Announcing the Public Humanities Journal
In development at Cambridge University Press, Public Humanities is an international journal for civic engagement inspired by humanities research led by Jeffrey R. Wilson, Sarah Dillon, and Zoe Hope Bulaitis. The journal ranges from historical examples of the humanities at work in the world to theoretical debates about the field today, from close readings of public humanities events to scholarly interventions in on-going social problems. Learn more about submitting here.

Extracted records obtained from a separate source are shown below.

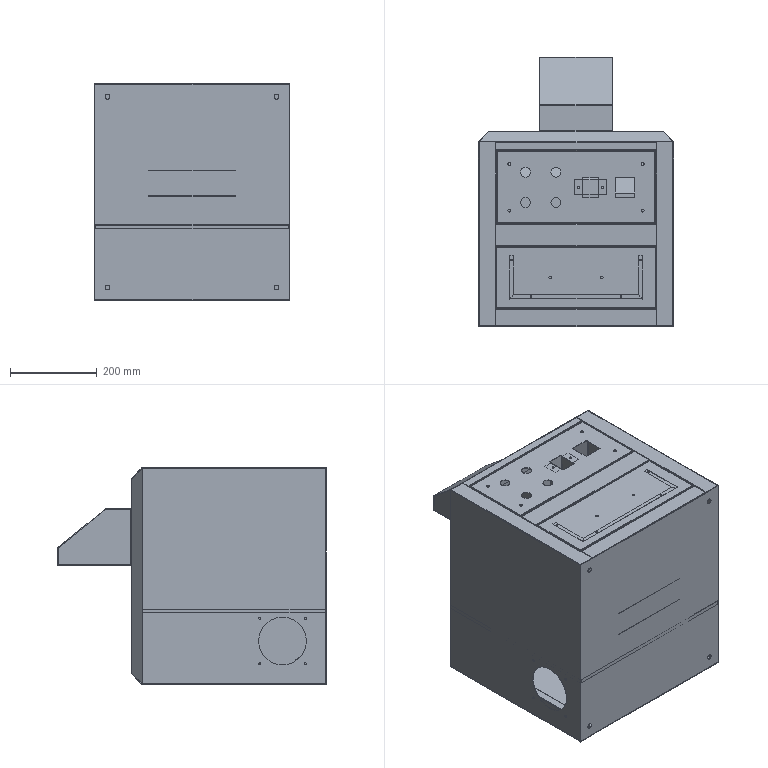Assembly | SolidWorks | mm | 42 component files | 42 solids | 1431 faces | box 451.7 x 620.2 x 500.38 mm | volume 2715264 mm3 | plane 1008 | cylinder 407 | spline 16 | commonest cylinder face diameters 0.2 x105 2.2 x58 2.6 x38 3 x32 6 x20 4.5 x20 7 x19 5 x18
Bill of materials:
CircuitBreakerBracket_2 | 1 |  | Thin formed sheet bracket with a hat-shaped profile: a deep U-channel with a flat base and two parallel side walls, each wall ending in an outward horizontal flange that has one round hole.
Drawer | 1 |  | Thin sheet shell with a U-shaped plan: a large rectangular back panel and two side panels. A narrow inward flange runs along the top edge. Each side panel has a vertical column of four small holes in two pairs, and the top flange has small holes.
DrawerPlate | 1 |  | Rectangular flat plate, thicker than the sheet parts. It has two larger round through-holes near the middle and four small holes in a staggered arrangement: two near the top corners and two lower and further inboard.
FrontPanel | 1 |  | Rectangular flat plate with many cutouts: four large round holes in a 2x2 grid, two rectangular openings of different sizes, a small hole on each side of the smaller rectangular opening, and four small holes near the corners.
Lampshade1 | 2 |  | Thin flat plate with a pentagon-like outline: one long straight edge, two edges that taper toward a shorter parallel end edge. A keyhole-shaped slot runs from the straight edge into a round hole near the middle, and there are two small holes near the straight edge.
Lampshade2 | 1 |  | Long formed sheet bracket. A raised central channel section runs between two offset end tabs, giving a hat-like side profile. Each end tab has two obround slots, and narrow lips run along the long edges of the central section.
Lampshade3 | 2 |  | Long, slender angle strip with an L-shaped section: two legs of unequal length joined by a rounded bend, and no visible holes.
Lampshade4 | 2 |  | Long, slender formed profile with a Z-like section: a horizontal top leg, a vertical web, and a lower leg angled away from the web. Both bends are rounded, and there are no visible holes.
Lampshade5 | 2 |  | Small L-shaped angle bracket with a rounded bend. The larger leg has two round through-holes in a line, and the shorter leg has no visible holes.
LampHolderMountingPlate | 2 |  | Tall L-shaped angle bracket with a rounded bend. One leg has a large central round hole with a small hole above and below it. The other leg has two small round holes.
LightBox1 | 1 |  | Thin sheet channel with a faceted section: a flat back face, two angled side faces, two flat side walls, and short return lips at the open side. The flat back face has two large round holes.
LightBox2 | 2 |  | Thin flat plate with a pentagon-like outline: a straight edge and tapered sides leading to a shorter end. A narrow flange appears to be bent along the straight edge, and there are two small round holes near the shorter end.
LightBoxBracket | 2 |  | L-shaped bent thin-plate angle bracket with a single round hole in the wider leg.
RearPanel | 1 |  | Shallow square tray: flat square plate with short raised walls on all four edges and four small holes near the corners.
AirDuct1 | 1 |  | Folded thin-wall enclosure shape with a sloped face: a flat base with a large circular cutout, side walls, and a partial top panel that steps down at an angle.
AirDuct2 | 1 |  | Flat thin plate shaped like a rectangle with one corner cut off diagonally (pentagon outline), with a narrow right-angle flange along one straight edge.
AirDuct3 | 1 |  | Flat thin plate shaped like a rectangle with one corner cut off diagonally (pentagon outline), with a narrow right-angle flange along one straight edge, on the opposite side from unnamed part.
BottomPlate | 1 |  | Square-ish flat panel with four corner holes, and short stepped (joggled) return flanges along two opposite edges.
CircuitBreakerBracket | 1 |  | Plain L-shaped angle: a roughly square main face with a narrow perpendicular flange along one edge, and no holes.
DrawerBox | 1 |  | U-shaped thin-wall channel (back wall plus two side walls), with four small holes in a line on one side wall.
DrawerBoxBracket | 1 |  | Long C-channel with a web, two equal parallel flanges and rounded bends; no holes.
FrontCrossbeam | 1 |  | Long hat-section (omega) profile: a raised central channel with two outward flat flanges and rounded bends.
LeftSidePanel | 1 |  | Large rectangular panel with stepped return flanges on the top and bottom edges, and one large circular opening near a lower corner, ringed by four small holes in a square pattern.
MountingAngle | 8 |  | Flat right-triangle plate (gusset-like shape) with one round through hole.
Partition | 1 |  | Thin flat, nearly square plate. Two corners on one edge are chamfered, that same edge has a rectangular notch near one end, and there is one elongated slot near the opposite edge.
RightSidePanel | 1 |  | Formed thin-walled panel: a near-square main web with short return flanges along two opposite edges. Each flange ends in a small inward-turned lip, giving a shallow C or hat-like profile in section. There is one round hole near one corner of the web.
Top | 1 |  | Formed tray-like panel: a near-square web with angled side walls on two opposite edges and stepped flanges along the other two edges. There is a rectangular cutout in the upper-central area and two small round holes, one near each side edge.
WireDuct | 1 |  | Straight, constant-section U-shaped channel with thin walls, a flat base and two parallel side legs. The inside corners are rounded. No holes or cutouts are visible.
Mates:
1. concentric | Lampshade-1/Lampshade2-1 face at (109.141, -16.087, 100) dir (0, 1, 0) r 2 | LightBox-1/LampHolderMountingPlate-2 face at (109.141, -15.087, 100) dir (0, 1, 0) r 1.25
2. concentric | WeldmentDrawing-1/Top-1 face at (158.141, 92.048, 80) dir (0, 1, 0) r 5 | LightBox-1/LightBoxBracket-2 face at (158.141, 28.413, 80) dir (0, 1, 0) r 5.5
3. concentric | WeldmentDrawing-1/Top-1 face at (-221.859, 92.048, 80) dir (0, 1, 0) r 5 | LightBox-1/LightBoxBracket-1 face at (-221.859, 28.413, 80) dir (0, 1, 0) r 5.5
4. parallel | Lampshade-1/Lampshade2-1 face at (-173.859, -16.087, 60) dir (0, 1, 0) r 2 | LightBox-1/LampHolderMountingPlate-1 face at (-172.859, -15.087, 60) dir (0, 1, 0) r 1.25
5. coincident | Lampshade-1/Lampshade2-1 face at (40.897, -15.087, 91.133) dir (0, 1, 0) | LightBox-1/LampHolderMountingPlate-2 face at (159.189, -15.087, 80.594) dir (0, -1, 0)
6. parallel | Lampshade-1/Lampshade1-1 face at (87.141, -36.087, 80) dir (1, 0, 0) | LightBox-1/LightBox2-1 face at (128.141, -24.733, 77.036) dir (1, 0, 0)
7. coincident | CircuitBreakerBracket_2-1 face at (19.433, -57.787, 249.183) dir (0, 0, 1) | FrontPanel-1 face at (-137.636, -20.961, 249.183) dir (0, 0, -1)
8. concentric | CircuitBreakerBracket_2-1 face at (29.64, -36.752, 248.183) dir (0, 0, 1) r 2.5 | FrontPanel-1 face at (29.64, -36.752, 249.183) dir (0, 0, 1) r 2.25
9. concentric | CircuitBreakerBracket_2-1 face at (-26.36, -36.752, 248.183) dir (0, 0, 1) r 2.5 | FrontPanel-1 face at (-26.36, -36.752, 249.183) dir (0, 0, 1) r 2.25
10. concentric | WeldmentDrawing-1/MountingAngle-2 face at (121.64, 16.748, 230) dir (0, 0, 1) r 4 | FrontPanel-1 face at (121.64, 16.748, 249.183) dir (0, 0, 1) r 3.5
11. concentric | WeldmentDrawing-1/MountingAngle-3 face at (-185.36, 16.748, 230) dir (0, 0, 1) r 4 | FrontPanel-1 face at (-185.36, 16.748, 249.183) dir (0, 0, 1) r 3.5
12. distance | DrawerWelding-1/DrawerPlate-1 face at (151.64, -226.356, 249.95) dir (1, 0, 0) | WeldmentDrawing-1/RightSidePanel-1 face at (153.14, -316.781, 195.572) dir (-1, 0, 0)
13. distance | DrawerWelding-1/DrawerPlate-1 face at (-122.832, -315.452, 249.95) dir (0, -1, 0) | WeldmentDrawing-1/BottomPlate-1 face at (-195.03, -316.952, 185.339) dir (0, 1, 0)
14. concentric | WeldmentDrawing-1/MountingAngle-8 face at (121.64, 16.748, -231.2) dir (0, 0, 1) r 4 | RearPanel-1 face at (121.64, 16.748, -248.474) dir (0, 0, -1) r 3.5
15. concentric | WeldmentDrawing-1/MountingAngle-5 face at (-185.36, 16.748, -231.2) dir (0, 0, 1) r 4 | RearPanel-1 face at (-185.36, 16.748, -248.474) dir (0, 0, -1) r 3.5
16. coincident | Drawer-1 face at (-169.764, -65.114, 160) dir (0, 0, 1) | DrawerPlate-1 face at (-173.944, 1.982, 160) dir (0, 0, -1)
17. concentric | Drawer-1 face at (-231.473, 23.886, 159) dir (0, 0, 1) r 1.5 | DrawerPlate-1 face at (-231.473, 23.886, 160) dir (0, 0, 1) r 1.5
18. concentric | Drawer-1 face at (21.527, -60.114, 159) dir (0, 0, 1) r 1.5 | DrawerPlate-1 face at (21.527, -60.114, 160) dir (0, 0, 1) r 1.5
19. coincident | Lampshade2-1 face at (-21.408, 18.767, 46.244) dir (0, 0, -1) | Lampshade1-1 face at (-10.275, -27.233, 46.244) dir (0, 0, 1)
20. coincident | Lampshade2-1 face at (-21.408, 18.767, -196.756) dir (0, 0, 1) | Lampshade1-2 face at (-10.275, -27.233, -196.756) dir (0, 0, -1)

Seeking research teams for National Council on Public History and National Park Service partnership projects
Via the National Council on Public History’s (NCPH) cooperative agreement with the National Park Service (NPS), NCPH is looking to hire research teams for two Historic Resource Studies (HRS). An HRS of African American history and experiences at Antietam National Battlefield will combine traditional historical research and community engagement with the descendant community. The first ever HRS for Coltsville National Historical Park in Hartford, Connecticut will inform critical decisions about the preservation, management, and interpretation of historic and cultural resources at the park. Finally, a historian or team of historians is requested for a Special History Study for Longfellow House, a National Historic Site in Cambridge, Massachusetts. Learn more about the NCPH NPS cooperative agreement here. Letters of interest are due November 1, 2022.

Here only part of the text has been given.